René Desmaison - 342 Heures dans les Grandes Jorasses
Ed. Flammarion - Coll. L'aventure Vécue - Réed. 1975



Hiver 1971.
René Desmaison, qui s'est déjà illustré à maintes reprises dans des voies engagées ou des secours controversés (sauvetage des allemands au Dru avec Gary Hemming), s'engage avec un nouvel équipier - Serge Gousseault - dans l'ouverture d'une première dans la face nord des Grandes Jorasses, une directe hivernale dans la Walker.

Face Nord des Grandes Jorasses Bien qu'étant un alpiniste expérimenté et prometteur, Serge Gousseault n'a pas la résistance physique et morale de Desmaison. Dans des conditions dantesques, la cordée fatigue dans la face et le 10ème jour d'ascension - à peine à une centaine de mètres du sommet - Desmaison assiste à la lente agonie de son camarade qui s'éteindra deux jours plus tard. A court de matériel, les cordes tranchées par des chutes de pierres, Desmaison est condamné... à attendre. Dans la vallée, les secours (et en particulier Herzog et Devouassoux), qui ont mis beaucoup trop de temps à comprendre la situation réelle dans la face, tergiversent et hésitent à risquer des secours héliportés. Ce sera sans compter le courage et l'audace d'un pilote extérieur à la vallée de Chamonix qui se déposera finalement des secouristes sur les crêtes, qui extraieront Desmaison de la face le quinzième jour.

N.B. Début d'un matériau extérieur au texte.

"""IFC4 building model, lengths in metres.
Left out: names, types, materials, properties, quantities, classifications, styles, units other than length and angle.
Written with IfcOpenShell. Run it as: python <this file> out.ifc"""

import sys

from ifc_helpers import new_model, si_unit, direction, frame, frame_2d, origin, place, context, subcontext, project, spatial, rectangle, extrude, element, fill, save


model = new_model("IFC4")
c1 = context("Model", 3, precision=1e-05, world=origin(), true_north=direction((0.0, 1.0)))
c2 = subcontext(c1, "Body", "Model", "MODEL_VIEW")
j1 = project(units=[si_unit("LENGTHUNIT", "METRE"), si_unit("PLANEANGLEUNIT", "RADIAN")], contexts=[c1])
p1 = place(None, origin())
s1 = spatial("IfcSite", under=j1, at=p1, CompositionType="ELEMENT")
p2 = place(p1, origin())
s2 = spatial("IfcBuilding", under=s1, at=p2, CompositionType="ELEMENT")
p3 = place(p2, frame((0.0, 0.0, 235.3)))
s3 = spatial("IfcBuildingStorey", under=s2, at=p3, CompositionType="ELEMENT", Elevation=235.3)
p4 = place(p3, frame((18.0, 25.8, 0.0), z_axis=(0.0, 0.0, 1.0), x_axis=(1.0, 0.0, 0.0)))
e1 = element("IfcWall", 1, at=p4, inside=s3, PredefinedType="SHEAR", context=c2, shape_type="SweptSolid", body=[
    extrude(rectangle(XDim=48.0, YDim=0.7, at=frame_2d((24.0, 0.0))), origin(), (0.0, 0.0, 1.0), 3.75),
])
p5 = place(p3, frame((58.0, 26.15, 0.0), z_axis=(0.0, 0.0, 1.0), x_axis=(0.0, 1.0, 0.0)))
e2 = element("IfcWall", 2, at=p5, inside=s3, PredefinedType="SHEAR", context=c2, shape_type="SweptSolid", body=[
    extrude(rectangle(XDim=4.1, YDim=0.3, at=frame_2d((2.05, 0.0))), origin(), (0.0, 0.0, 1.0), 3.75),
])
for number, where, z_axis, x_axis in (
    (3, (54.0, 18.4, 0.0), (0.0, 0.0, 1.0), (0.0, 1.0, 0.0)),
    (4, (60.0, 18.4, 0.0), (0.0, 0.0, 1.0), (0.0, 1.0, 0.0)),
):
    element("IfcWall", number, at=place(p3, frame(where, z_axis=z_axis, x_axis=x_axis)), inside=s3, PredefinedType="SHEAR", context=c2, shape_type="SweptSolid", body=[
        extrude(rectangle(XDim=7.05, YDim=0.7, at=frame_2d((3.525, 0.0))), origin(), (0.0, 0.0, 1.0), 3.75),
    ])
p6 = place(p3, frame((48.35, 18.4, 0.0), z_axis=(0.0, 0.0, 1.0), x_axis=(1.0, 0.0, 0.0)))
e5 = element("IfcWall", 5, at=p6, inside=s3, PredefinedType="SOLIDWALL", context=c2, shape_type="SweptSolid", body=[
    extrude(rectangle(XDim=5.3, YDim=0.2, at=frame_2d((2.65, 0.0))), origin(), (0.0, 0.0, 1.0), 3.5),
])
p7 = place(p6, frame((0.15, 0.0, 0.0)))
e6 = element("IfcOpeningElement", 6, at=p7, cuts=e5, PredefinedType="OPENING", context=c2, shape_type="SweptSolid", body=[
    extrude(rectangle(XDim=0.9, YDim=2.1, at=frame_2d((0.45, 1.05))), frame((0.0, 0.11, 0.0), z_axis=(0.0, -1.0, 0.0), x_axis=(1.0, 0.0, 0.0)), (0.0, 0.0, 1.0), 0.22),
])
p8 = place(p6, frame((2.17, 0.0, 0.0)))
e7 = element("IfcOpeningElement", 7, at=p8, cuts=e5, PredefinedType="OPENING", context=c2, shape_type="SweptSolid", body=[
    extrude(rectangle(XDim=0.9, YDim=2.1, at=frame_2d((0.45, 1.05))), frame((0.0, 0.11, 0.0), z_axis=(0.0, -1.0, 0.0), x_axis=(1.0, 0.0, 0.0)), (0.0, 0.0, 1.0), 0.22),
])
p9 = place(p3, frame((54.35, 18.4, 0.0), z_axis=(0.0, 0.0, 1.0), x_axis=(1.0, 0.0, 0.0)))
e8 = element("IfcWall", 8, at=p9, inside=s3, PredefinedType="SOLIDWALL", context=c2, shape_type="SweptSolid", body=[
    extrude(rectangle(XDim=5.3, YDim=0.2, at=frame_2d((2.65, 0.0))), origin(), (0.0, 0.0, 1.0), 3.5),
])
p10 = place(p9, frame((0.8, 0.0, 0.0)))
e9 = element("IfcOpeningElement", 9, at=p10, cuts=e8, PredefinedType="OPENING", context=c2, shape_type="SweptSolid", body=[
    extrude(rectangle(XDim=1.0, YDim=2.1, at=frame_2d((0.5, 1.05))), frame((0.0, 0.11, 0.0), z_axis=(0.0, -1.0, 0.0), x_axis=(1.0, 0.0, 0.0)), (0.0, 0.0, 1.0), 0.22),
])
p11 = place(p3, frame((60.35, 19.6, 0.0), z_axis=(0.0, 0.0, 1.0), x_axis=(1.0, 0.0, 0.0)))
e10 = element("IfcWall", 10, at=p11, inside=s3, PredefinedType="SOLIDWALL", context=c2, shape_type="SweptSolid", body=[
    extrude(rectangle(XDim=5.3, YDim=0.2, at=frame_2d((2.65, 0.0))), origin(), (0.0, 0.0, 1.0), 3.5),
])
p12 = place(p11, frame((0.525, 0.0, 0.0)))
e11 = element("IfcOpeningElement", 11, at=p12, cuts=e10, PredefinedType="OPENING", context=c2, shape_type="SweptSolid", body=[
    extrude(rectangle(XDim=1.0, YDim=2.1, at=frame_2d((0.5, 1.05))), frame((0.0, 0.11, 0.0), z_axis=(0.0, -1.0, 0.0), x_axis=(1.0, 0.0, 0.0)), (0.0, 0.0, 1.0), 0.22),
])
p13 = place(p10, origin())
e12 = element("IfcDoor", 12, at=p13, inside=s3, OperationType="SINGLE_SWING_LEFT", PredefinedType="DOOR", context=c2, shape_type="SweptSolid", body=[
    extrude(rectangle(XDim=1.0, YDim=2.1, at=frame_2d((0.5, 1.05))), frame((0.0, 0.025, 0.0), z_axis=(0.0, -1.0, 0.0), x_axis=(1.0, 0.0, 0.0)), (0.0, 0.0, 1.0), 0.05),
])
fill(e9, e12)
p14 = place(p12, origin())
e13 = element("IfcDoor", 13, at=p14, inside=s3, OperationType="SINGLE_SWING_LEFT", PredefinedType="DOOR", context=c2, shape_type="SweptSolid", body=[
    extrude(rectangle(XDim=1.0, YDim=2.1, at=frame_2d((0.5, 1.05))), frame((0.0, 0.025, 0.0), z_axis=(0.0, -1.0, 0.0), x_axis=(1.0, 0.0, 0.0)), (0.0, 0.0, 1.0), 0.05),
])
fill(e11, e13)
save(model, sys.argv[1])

René Desmaison En achevant la lecture de 342 Heures dans les Grandes Jorasses, on ne sait plus vraiment si le plus important dans cette tragédie est le calvaire enduré par ces deux hommes, la cordée Desmaison-Gousseault, ou par la controverse qu'elle suscita à l'époque (1971).

Faut-il "charger" Desmaison, qui ignorait que Gousseault tenait une "petite forme" cet hiver là ? qui, allé trop loin, ne pouvait plus sortir que par le haut ? qui - confronté à ses principes selon lesquels "des alpinistes engagés dans une paroi en hiver ne doivent compter que sur eux-mêmes. Ils ne peuvent exiger aucun secours." - attendit peut-être trop pour y déroger ?
Dans la vallée, le ressentiment des Secours vis à vis de Desmaison était encore trop présent (cf épidode du Dru) pour dépassionner le débat et raisonner de façon objective.

Le livre est émouvant. Les mots simples mais directs de Desmaison ne laissent pas insensible et nous laissent un témoignage prenant de l'esprit de cordée. A chacun de se faire son opinion.

342 heures dans les Grandes Jorasses a été réédité chez Hoëbeke.